Nymeria
5/1/2016
Experience should have taught me by now there is no guarantee that a highly acclaimed book might automatically be right for me -- and yet there are times when widespread praise breeds high expectations, so that when a book falls short of those expectations, I'm bitterly disappointed. Time Salvager is a case in point.
What adds a good measure of sadness to that disappointment is that this story possessed all the elements to be a good one, the kind of story I love: a fascinating premise, an intriguing journey and a promisingly complex main character. It's a pity that such potential riches were squandered in such a way as to make it very difficult to go on, to the point I could not finish the book.

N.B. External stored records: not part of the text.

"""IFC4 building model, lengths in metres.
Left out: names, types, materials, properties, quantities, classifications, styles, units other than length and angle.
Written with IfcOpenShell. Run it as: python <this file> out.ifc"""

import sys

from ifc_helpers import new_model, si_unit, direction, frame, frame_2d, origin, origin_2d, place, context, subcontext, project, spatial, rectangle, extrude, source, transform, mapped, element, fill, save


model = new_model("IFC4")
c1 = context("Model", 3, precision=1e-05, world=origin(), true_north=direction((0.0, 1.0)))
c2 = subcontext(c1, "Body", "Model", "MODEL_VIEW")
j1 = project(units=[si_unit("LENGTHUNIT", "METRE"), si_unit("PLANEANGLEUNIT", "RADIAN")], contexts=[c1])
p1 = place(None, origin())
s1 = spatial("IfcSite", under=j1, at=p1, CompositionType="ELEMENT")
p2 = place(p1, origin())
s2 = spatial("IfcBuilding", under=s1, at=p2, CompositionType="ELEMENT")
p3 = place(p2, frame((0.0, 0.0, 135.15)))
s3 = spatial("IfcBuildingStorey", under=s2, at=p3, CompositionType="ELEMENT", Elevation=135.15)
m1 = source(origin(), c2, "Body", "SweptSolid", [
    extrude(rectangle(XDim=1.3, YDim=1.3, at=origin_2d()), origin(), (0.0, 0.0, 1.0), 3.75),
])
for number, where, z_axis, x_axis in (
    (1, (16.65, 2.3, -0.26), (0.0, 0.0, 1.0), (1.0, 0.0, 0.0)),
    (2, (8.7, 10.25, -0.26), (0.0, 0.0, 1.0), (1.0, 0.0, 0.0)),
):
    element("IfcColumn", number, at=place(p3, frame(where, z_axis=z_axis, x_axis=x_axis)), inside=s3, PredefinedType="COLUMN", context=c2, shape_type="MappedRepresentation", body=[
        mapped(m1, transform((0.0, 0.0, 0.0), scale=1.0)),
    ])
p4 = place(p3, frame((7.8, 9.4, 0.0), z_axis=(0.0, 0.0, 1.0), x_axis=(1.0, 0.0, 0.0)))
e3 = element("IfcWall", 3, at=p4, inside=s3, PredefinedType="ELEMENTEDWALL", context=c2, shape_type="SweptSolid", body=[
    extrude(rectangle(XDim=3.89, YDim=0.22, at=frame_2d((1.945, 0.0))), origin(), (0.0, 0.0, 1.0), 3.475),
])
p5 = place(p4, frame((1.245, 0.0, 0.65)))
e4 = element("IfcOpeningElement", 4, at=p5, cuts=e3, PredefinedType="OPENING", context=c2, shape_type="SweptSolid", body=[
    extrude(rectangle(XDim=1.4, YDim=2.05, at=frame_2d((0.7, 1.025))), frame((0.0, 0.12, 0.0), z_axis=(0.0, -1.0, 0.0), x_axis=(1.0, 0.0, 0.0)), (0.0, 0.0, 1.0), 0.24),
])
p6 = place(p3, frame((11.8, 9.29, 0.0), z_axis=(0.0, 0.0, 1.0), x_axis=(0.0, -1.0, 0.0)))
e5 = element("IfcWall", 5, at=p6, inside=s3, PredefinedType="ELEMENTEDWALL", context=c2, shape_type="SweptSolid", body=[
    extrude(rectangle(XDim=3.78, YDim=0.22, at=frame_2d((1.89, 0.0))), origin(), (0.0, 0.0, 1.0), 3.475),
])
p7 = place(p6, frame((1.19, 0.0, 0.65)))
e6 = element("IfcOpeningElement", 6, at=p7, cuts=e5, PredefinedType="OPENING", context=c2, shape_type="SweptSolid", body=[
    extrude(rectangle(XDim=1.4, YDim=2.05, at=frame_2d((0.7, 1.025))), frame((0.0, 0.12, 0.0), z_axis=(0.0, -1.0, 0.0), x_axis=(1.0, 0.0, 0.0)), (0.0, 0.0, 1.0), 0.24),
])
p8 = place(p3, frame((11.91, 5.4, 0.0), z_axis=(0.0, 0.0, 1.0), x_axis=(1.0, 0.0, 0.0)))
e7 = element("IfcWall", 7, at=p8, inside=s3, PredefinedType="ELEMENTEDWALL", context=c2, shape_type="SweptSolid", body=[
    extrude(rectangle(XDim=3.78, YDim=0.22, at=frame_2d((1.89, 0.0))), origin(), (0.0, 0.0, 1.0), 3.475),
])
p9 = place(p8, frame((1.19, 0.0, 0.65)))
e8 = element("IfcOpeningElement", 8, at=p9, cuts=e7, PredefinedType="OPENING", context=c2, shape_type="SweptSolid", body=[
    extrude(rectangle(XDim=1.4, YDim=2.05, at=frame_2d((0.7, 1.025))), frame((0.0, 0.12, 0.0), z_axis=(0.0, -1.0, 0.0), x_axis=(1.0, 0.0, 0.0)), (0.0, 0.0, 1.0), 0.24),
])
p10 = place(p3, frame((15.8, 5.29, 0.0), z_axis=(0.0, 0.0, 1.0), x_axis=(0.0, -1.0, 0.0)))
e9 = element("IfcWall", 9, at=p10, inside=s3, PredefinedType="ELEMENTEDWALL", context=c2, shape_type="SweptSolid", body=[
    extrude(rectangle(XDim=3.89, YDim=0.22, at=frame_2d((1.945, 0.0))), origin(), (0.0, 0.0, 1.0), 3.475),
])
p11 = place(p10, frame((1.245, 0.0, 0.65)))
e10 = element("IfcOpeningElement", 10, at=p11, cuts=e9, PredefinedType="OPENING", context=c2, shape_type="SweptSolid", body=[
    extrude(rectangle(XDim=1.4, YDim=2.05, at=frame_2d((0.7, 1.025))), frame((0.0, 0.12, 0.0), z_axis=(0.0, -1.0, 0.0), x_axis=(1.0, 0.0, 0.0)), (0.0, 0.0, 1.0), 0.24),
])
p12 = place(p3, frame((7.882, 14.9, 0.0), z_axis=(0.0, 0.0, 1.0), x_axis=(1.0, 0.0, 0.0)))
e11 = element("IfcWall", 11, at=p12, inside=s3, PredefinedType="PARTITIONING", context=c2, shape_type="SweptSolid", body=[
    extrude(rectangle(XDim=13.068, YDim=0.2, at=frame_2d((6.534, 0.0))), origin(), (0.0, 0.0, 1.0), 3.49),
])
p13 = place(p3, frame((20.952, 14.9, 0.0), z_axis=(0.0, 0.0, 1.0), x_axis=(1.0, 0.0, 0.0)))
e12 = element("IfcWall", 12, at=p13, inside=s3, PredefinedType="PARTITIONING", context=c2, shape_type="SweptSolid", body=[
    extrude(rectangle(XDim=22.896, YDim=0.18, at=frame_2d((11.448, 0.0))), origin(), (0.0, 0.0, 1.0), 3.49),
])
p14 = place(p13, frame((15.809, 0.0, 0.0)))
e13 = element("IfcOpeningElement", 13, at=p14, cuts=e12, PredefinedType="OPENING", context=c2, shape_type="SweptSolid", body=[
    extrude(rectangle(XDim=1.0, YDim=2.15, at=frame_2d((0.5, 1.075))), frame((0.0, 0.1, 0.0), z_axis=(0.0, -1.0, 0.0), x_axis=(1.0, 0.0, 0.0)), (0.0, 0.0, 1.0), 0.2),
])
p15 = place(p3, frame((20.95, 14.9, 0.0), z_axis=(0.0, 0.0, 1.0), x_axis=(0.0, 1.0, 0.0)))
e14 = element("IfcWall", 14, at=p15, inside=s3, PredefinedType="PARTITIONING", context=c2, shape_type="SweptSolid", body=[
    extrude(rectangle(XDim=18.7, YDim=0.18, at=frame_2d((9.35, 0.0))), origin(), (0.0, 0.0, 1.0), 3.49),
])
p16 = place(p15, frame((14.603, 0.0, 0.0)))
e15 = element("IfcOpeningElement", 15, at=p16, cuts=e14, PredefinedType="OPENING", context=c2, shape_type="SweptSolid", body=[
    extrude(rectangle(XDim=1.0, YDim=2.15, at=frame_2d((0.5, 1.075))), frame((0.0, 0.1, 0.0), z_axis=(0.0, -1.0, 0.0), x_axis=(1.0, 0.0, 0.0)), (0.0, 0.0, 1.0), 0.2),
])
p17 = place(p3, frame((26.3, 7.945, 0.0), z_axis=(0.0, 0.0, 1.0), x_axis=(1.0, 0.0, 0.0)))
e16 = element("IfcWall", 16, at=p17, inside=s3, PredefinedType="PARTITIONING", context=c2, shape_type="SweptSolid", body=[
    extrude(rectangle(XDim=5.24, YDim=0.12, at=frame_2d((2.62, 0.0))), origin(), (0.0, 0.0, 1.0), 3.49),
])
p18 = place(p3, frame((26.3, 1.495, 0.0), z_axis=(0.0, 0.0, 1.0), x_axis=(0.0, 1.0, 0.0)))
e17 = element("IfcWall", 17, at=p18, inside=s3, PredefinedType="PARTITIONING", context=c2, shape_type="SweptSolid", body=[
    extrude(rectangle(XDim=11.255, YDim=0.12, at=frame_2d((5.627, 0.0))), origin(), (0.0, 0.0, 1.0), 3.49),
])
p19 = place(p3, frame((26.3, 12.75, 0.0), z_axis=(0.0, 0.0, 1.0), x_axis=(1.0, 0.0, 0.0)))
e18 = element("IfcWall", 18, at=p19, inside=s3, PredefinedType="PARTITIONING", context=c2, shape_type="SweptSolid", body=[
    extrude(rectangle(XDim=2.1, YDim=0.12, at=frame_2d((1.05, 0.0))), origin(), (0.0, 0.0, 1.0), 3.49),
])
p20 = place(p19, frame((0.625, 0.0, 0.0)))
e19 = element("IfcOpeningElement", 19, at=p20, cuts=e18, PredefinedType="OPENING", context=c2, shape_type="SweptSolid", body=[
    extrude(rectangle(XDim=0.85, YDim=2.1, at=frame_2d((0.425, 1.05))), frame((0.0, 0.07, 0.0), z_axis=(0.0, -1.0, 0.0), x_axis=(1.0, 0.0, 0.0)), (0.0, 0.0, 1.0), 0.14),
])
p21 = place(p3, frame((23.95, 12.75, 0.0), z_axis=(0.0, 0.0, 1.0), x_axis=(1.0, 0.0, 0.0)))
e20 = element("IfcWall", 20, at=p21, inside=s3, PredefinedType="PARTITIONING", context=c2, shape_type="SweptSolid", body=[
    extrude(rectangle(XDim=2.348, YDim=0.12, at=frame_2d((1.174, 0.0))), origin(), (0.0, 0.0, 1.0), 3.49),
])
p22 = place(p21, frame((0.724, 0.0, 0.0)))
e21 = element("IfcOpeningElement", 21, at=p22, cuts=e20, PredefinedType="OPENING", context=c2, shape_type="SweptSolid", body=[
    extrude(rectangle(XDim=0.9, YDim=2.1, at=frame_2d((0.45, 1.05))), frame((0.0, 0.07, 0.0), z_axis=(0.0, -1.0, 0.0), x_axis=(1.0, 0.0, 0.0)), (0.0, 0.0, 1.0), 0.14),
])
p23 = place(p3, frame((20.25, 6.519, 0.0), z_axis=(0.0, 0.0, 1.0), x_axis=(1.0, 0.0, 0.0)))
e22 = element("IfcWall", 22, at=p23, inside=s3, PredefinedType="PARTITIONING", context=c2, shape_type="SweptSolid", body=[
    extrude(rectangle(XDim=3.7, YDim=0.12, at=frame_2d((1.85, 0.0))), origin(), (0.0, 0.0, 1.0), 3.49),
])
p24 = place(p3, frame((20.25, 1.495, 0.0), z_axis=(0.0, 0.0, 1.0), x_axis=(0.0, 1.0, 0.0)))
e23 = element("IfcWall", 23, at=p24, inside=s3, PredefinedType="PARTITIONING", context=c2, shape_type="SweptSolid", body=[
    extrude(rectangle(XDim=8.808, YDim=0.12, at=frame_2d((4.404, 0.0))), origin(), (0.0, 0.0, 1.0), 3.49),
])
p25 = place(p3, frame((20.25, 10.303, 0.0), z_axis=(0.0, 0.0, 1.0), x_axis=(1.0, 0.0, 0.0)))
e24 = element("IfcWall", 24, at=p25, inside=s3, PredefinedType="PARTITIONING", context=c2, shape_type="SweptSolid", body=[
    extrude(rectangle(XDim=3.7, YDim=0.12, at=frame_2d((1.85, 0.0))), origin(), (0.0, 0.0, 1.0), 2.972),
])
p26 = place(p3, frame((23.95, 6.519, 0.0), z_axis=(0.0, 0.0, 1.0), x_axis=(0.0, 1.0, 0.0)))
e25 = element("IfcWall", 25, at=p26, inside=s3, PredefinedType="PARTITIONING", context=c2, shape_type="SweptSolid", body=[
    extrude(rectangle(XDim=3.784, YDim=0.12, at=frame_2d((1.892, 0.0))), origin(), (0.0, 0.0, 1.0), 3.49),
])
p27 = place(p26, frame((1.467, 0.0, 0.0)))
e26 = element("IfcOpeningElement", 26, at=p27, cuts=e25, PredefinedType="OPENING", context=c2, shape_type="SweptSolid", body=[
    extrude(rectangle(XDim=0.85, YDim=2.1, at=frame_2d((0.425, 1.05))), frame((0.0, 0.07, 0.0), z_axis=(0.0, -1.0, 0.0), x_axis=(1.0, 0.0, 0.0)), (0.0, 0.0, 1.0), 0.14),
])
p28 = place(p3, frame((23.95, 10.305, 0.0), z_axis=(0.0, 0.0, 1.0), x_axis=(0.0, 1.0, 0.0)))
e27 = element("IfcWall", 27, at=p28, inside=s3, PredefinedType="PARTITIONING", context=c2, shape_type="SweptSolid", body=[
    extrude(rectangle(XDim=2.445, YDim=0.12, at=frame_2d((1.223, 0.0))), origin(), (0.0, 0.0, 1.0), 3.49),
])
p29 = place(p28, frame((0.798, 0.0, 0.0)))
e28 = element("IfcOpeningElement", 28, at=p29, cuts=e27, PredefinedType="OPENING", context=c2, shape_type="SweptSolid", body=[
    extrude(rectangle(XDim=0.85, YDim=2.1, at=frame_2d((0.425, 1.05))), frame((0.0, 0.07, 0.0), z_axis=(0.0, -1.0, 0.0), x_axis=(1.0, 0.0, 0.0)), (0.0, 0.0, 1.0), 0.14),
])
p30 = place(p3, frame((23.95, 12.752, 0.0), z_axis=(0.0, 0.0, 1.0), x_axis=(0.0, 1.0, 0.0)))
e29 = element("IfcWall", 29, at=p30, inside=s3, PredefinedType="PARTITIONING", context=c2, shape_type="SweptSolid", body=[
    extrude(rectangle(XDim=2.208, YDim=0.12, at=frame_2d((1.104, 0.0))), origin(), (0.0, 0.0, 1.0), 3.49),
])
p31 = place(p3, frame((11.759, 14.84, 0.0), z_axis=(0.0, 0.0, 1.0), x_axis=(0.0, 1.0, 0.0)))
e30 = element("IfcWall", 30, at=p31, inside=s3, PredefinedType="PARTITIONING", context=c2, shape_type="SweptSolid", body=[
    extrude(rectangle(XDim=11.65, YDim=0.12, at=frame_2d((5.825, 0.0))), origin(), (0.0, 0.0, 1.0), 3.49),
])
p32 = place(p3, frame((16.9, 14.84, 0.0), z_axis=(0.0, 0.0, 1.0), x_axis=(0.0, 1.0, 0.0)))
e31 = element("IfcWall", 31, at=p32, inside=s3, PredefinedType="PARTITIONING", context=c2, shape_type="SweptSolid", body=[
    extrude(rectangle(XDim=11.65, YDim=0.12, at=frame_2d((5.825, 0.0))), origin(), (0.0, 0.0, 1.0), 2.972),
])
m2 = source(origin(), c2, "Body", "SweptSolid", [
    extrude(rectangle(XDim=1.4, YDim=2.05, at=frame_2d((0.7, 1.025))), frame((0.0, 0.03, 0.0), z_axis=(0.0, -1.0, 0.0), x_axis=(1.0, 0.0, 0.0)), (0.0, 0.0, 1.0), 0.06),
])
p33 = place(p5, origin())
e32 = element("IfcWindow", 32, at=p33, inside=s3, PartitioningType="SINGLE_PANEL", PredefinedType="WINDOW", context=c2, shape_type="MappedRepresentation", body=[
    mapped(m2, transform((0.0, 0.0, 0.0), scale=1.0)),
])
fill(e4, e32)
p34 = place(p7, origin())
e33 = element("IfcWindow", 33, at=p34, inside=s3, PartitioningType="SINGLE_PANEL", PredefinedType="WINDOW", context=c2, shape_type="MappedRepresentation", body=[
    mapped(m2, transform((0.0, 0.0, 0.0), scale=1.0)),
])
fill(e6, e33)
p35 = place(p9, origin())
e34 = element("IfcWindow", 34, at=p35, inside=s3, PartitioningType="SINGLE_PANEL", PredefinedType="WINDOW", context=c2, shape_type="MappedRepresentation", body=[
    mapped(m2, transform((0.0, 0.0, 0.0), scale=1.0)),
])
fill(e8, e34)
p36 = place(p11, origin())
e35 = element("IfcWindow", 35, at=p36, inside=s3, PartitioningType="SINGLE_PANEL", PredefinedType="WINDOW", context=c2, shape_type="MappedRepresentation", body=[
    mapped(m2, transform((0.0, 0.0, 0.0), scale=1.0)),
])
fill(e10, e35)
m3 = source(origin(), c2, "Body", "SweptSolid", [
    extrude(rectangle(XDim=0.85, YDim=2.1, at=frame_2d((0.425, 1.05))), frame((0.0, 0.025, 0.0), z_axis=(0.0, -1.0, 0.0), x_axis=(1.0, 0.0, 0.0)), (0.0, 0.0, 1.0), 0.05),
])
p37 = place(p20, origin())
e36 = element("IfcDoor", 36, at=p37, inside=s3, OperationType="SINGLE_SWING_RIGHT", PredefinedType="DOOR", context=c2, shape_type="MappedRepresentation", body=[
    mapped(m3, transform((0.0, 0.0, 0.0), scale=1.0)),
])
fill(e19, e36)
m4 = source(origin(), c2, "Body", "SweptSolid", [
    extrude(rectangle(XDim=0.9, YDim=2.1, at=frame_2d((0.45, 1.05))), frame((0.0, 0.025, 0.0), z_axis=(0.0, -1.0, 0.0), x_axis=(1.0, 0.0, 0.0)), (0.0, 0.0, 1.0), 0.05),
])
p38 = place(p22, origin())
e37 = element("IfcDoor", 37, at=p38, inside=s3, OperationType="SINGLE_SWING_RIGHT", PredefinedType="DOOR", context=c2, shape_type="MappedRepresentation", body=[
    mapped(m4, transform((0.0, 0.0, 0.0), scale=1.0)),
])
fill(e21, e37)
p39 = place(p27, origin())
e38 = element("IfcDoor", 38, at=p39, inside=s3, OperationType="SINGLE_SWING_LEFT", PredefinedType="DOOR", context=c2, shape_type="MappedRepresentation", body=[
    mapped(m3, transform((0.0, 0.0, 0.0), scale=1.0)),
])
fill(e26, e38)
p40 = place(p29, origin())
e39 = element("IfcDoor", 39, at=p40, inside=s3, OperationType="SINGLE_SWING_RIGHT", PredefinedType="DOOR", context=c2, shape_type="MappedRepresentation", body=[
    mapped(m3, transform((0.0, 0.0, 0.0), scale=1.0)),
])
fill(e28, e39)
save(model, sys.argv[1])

As I said, the premise sounded solid: humanity has discovered the secret of time travel but -- and here is the brilliant twist that caught my attention at the beginning -- uses it only to keep the present going, more or less. Earth has become a wasteland, except for a few cities and some wilderness settlements where people scrape up a miserly hand-to-mouth existence. Civilization has moved outward, colonizing other planets in the Solar System, but it's not the kind of life one would expect from an advanced future: the overall impression is that of a dreary reality from which there is no escape, with failing technology few are able to maintain, and none to improve. The last resort of this future humanity is to cannibalize the past in the hope of shoring up the present, in a sad game of diminishing returns: it comes as no surprise that time agents -- or chronmen -- do not lead an adventurous, charmed life gallivanting all over the continuum, but fall prey to a lingering pall of depression that, combined with the inevitable after-effects of time travel, sooner or later brings them to rebellion or suicide.
James Griffin-Mars is one such chronman, toiling to repay the huge investment made for his training, but losing day by day the will to go on: he's despondent, jaded, prone to heavy bouts of drinking. Every time he comes back from a mission, he finds it still more difficult to ignore the accumulated disillusionment and the guilt for the past lives he must consign to unescapable death. He's plagued by nightmares about them and his younger sister, lost and probably dead in the turmoil that was their childhood, so that she has become the embodiment of all his failures and remorse.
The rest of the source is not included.